By Chibuike Oguh
NEW YORK (Reuters) – Carlyle Group Inc Chief Executive Kewsong Lee said on Wednesday that the U.S. private equity firm will remain a long-term investor in China despite “bumps” that have unnerved some investors.
Beijing authorities have rolled out restrictions in the last few weeks on companies, including those in the technology sector, to control big data and break down monopolistic practices. They announced an investigation into Didi Global Inc and ordered the removal of its apps for download in China days after the ride-sharing giant’s initial public offering in New York.
The crackdown has sparked investor concerns over policy changes and wiped off hundreds of billions of dollars in market value from some of China’s largest companies including Alibaba Group Holding Limited and Tencent Holdings Ltd. Investor concerns this week that property developer China Evergrande could default on its massive debt pile have added to the market jitters.

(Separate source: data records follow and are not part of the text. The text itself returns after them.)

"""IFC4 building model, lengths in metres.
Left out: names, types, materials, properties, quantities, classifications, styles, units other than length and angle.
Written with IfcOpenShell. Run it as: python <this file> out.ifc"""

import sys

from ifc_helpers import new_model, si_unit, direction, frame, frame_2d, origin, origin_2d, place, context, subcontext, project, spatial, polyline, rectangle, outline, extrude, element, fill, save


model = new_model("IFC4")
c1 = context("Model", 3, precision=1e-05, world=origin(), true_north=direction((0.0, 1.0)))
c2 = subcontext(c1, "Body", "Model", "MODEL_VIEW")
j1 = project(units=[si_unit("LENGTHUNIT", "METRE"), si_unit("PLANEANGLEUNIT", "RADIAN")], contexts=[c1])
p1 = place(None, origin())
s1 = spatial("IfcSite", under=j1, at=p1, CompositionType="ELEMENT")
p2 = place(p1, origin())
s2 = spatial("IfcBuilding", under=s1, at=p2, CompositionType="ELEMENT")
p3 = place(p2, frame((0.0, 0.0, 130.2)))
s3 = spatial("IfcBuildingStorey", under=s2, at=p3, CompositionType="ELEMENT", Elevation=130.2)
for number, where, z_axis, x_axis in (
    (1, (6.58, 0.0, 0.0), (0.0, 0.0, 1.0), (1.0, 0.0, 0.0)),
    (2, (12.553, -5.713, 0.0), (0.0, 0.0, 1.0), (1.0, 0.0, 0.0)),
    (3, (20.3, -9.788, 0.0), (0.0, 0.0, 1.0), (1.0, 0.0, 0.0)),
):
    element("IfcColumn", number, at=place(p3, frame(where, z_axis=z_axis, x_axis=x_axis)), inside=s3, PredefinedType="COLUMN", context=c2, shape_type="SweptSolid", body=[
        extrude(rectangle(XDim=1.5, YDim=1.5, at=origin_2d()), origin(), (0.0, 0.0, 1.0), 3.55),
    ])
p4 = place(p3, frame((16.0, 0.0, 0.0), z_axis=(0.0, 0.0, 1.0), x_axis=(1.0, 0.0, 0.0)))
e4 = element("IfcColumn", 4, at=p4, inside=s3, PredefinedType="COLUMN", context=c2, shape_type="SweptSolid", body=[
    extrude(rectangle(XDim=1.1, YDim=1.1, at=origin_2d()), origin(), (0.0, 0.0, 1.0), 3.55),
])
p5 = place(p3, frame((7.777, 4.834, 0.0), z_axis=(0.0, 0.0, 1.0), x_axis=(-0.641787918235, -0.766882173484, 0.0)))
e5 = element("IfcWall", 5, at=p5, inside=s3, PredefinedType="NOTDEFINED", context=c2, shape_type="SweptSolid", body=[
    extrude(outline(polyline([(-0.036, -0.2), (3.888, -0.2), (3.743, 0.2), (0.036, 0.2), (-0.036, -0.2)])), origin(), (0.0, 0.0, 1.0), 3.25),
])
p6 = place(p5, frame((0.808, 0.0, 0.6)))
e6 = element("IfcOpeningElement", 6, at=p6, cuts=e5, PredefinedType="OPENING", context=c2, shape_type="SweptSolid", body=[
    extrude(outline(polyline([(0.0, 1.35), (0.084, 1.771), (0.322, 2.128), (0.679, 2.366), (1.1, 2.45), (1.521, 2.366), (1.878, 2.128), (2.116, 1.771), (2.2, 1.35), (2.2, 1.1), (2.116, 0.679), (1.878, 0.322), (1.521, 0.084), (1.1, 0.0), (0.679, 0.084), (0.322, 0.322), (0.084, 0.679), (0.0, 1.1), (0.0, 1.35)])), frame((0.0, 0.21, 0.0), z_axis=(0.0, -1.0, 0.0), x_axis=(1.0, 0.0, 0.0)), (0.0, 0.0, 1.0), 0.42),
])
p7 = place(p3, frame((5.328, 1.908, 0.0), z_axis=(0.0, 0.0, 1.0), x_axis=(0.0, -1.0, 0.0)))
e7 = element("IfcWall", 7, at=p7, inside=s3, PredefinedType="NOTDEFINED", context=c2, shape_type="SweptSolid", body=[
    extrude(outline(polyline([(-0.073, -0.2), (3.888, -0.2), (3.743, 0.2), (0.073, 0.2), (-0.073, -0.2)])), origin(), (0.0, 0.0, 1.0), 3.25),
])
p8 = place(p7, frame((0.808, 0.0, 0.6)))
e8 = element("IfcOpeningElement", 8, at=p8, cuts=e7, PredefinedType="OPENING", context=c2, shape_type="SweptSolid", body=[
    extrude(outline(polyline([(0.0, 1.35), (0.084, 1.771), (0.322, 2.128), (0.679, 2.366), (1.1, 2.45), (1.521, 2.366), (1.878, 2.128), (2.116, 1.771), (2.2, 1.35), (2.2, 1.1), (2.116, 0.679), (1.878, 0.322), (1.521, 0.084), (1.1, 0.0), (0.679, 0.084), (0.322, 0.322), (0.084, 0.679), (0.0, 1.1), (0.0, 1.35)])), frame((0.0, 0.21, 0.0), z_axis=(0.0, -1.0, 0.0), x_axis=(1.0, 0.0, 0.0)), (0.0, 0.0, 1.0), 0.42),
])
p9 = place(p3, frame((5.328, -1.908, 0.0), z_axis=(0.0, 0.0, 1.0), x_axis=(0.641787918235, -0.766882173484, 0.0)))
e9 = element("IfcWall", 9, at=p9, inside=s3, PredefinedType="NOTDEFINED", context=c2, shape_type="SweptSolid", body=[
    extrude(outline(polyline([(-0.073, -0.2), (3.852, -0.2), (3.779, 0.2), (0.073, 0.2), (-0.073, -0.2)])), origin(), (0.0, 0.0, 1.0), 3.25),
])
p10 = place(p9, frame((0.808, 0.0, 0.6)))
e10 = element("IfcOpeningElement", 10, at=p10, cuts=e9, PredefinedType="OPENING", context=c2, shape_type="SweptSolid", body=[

“We at Carlyle are very strategically committed to that region and we have seen these types of bumps in the middle of the night in that part of the world,” Lee said in an interview at a Reuters Newsmaker event in New York when asked about the impact of China’s restrictions on companies.
Lee said that sophisticated investors such as sovereign wealth funds and pension plans remain underinvested in China, the world’s second-largest economy, and that there were still opportunities available to investment firms with local expertise such as Carlyle that can navigate the country’s complex regulatory environment.
Carlyle, which had $276 billion in assets under management as of the end of June, continues to be focused on the rise of consumers in China, its under-penetrated healthcare sector, and Chinese technology firms, Lee said.
On the drive toward sustainability and environmental, social and corporate governance (ESG), Lee said that in the first half of this year nearly 60% of the board directors who joined companies that have been controlled by Carlyle for at least two years were from diverse backgrounds, putting it ahead of its 30% target.
He also said that even companies whose business contributes to climate change can be good ESG investments if their track record improves sufficiently.
“I think people have to also understand that you have to invest in traditional companies to provide capital to enable them to transition,” he said.
Lee has been rolling out changes to improve Carlyle’s fee-related earnings and boost its share price, which has doubled in the last 12 months. He said the firm’s strategic plan was paying off, with the pace of fundraising and investing rapidly accelerating and performance fees hitting a record.